America Doesn’t Have The Stomach For Growth

14 min read Original article ↗
Shenzhen's transformation seen in 10,000 photos - CGTN

Listen to any educated European complain about America and you’ll hear a familiar refrain: we don’t need what you have. We don’t need your economic growth—it just produces inequality. We don’t need your technology sector—it just creates oligarchs. We don’t need immigration or the frantic churn of American capitalism. And why would we ever need a military?

But Europe exists beneath the American umbrella. It relies on NATO to bind America to European security. It absorbs the pharmaceutical innovation that America’s for-profit system produces, then uses price controls to keep its own citizens insulated from the cost. It relies on the US Navy to patrol shipping lanes so it can import cheap manufactures from China. It depends on Big Tech for its basic digital infrastructure, then fines it to preserve European moral purity.

Indeed, Europe acknowledges that America is necessary. It sees it as a place to outsource the grubby work of capitalism, and it wants to capture the benefits of that growth without bearing any of its costs.

The irony is that over last five decades, America has done the same with China.

In the 1980s, as the American century waxed to apogee, China reemerged as a world power. Deng Xiaoping, after taking power in 1978, rolled back each successive facet of Maoism until he built a capitalist state under the nominal auspices of communism. He dismantled collective farming, built special economic zones to attract foreign investment, allowed private businesses to form, and encouraged joint ventures with foreign firms. China became the world’s biggest export-led growth story, using its resources of cheap labor to win low-end manufacturing on price, and then, it steadily moved up the value chain.

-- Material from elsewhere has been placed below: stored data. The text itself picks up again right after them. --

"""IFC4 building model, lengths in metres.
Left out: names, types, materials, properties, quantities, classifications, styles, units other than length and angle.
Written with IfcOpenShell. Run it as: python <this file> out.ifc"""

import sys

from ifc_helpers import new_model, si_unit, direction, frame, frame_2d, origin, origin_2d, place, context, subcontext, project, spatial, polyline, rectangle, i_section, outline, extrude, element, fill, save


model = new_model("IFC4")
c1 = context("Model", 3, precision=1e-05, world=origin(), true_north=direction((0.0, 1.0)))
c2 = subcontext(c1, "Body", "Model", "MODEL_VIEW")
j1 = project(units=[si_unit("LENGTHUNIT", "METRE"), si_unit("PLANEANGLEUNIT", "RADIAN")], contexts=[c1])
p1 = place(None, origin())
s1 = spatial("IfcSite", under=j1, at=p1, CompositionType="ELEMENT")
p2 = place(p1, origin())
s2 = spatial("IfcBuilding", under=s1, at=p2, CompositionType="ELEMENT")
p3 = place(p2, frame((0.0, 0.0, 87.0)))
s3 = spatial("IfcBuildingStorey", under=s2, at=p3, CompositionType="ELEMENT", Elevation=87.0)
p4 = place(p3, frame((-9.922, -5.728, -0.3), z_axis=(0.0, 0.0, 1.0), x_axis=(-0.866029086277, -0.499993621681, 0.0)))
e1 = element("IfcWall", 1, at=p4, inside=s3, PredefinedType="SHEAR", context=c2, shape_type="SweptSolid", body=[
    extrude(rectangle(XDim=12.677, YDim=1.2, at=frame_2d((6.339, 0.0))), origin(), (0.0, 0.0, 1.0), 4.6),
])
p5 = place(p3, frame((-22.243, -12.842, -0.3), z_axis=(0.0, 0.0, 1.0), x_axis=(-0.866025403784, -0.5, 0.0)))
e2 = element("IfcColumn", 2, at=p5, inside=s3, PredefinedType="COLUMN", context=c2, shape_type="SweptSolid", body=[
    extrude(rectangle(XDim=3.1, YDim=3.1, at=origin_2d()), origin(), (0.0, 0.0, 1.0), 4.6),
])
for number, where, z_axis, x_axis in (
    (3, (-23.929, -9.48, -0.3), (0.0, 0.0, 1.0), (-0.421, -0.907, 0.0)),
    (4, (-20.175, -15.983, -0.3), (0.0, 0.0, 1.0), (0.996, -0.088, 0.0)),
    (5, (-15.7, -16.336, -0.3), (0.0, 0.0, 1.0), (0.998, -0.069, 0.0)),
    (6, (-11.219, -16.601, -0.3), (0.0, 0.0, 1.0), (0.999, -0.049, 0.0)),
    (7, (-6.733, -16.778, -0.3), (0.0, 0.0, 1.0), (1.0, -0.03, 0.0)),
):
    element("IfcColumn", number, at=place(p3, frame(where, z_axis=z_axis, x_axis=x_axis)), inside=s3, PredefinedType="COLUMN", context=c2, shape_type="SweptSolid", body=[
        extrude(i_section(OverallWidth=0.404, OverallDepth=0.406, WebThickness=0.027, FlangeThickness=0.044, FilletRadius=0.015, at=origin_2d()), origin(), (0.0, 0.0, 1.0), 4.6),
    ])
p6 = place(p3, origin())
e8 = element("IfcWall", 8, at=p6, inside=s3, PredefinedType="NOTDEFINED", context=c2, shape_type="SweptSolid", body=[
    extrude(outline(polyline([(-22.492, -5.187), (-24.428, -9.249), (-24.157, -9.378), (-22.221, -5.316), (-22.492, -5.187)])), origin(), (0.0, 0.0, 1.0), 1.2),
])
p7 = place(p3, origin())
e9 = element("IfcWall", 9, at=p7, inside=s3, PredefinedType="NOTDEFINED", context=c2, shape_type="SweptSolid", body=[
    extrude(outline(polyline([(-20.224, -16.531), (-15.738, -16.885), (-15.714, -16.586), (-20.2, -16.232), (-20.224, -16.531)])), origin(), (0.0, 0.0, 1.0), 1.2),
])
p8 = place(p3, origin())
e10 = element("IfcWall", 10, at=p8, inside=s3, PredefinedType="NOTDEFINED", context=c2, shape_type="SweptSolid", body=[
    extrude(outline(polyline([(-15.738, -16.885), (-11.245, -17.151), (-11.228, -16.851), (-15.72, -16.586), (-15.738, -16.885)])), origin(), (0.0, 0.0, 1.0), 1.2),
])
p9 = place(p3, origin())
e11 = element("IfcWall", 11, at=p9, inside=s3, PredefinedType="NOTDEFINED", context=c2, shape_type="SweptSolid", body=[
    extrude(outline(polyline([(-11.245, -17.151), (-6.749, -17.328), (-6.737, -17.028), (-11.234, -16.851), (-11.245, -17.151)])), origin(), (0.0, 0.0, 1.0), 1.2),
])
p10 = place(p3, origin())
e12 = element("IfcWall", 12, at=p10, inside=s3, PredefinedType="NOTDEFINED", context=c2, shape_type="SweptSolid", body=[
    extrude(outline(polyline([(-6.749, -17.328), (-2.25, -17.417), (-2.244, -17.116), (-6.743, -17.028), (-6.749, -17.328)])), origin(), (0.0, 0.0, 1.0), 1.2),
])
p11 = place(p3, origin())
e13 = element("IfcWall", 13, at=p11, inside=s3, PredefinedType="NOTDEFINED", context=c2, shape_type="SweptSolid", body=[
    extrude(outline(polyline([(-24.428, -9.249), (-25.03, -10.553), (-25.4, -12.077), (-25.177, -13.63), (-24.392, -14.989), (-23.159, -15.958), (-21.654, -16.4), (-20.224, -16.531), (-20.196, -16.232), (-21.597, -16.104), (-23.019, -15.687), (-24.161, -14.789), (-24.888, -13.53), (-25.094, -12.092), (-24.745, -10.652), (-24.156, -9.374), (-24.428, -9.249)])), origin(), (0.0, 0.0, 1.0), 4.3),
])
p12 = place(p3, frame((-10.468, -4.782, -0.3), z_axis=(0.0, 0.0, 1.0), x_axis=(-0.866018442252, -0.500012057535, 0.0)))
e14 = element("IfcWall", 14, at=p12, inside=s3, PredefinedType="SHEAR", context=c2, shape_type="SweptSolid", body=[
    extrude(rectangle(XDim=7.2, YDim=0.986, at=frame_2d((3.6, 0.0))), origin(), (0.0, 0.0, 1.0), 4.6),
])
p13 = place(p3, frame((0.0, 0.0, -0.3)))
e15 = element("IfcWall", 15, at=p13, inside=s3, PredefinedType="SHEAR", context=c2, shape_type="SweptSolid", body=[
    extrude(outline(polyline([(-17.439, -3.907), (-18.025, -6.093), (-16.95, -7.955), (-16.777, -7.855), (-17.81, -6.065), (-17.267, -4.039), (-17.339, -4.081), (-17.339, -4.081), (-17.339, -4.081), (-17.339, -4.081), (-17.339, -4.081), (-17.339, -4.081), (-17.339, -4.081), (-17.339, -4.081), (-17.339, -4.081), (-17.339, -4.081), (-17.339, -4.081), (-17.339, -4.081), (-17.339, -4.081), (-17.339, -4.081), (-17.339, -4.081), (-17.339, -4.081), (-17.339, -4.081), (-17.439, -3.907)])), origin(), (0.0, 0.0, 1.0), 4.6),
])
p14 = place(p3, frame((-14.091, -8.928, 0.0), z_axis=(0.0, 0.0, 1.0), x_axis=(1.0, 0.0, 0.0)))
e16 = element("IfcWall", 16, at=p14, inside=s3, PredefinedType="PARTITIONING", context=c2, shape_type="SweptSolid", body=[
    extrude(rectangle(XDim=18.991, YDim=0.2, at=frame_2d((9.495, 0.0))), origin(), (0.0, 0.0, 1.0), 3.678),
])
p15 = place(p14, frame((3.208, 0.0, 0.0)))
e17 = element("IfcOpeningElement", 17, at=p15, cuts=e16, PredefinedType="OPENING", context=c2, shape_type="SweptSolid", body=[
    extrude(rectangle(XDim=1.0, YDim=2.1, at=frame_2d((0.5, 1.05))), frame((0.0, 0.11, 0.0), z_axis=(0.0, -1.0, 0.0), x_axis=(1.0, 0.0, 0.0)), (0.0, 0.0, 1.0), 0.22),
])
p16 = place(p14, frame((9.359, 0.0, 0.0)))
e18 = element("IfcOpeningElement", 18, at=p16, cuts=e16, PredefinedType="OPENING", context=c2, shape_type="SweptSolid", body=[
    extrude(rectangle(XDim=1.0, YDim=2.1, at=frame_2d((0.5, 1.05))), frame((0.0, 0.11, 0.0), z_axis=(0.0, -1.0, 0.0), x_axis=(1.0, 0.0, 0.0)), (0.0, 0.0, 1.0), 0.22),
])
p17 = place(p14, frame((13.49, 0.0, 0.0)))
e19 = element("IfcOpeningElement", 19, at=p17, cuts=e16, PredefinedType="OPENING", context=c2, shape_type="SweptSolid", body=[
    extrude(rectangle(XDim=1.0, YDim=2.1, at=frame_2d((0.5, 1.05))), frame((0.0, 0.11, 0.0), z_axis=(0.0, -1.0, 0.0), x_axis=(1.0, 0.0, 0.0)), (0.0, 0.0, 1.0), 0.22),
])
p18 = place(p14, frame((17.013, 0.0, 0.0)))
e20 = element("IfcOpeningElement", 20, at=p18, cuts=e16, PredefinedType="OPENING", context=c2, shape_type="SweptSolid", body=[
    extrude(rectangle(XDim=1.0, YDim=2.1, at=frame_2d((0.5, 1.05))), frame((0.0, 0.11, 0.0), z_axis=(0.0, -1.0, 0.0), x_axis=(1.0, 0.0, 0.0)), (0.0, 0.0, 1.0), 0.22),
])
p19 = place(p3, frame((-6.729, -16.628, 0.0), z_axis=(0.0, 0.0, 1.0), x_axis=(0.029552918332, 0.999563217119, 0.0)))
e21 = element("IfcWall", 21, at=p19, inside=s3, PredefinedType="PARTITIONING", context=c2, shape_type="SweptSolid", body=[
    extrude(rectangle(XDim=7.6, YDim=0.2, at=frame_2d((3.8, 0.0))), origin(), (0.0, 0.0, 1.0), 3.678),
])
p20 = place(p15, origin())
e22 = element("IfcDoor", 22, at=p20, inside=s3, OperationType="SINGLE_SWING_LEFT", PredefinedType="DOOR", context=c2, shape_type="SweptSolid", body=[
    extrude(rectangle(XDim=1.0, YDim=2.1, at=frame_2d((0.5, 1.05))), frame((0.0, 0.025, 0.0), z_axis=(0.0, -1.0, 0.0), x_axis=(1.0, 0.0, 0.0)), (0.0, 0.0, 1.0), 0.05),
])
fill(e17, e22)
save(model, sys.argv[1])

That growth was predicated on American disinterest. When China began its massive urbanization project, reshaping its cities from low-rise regional centers into massive megalopolises, America instituted ever more stringent zoning laws, freezing its own cities in amber. As China broke ground on new factories, new mines, and new foundries, America created a new regime of environmental review, blocking the expansion of any new industrial enterprise. And as Chinese factories flooded the world with cheap goods, America opened the door even wider by letting it into the WTO in 2001.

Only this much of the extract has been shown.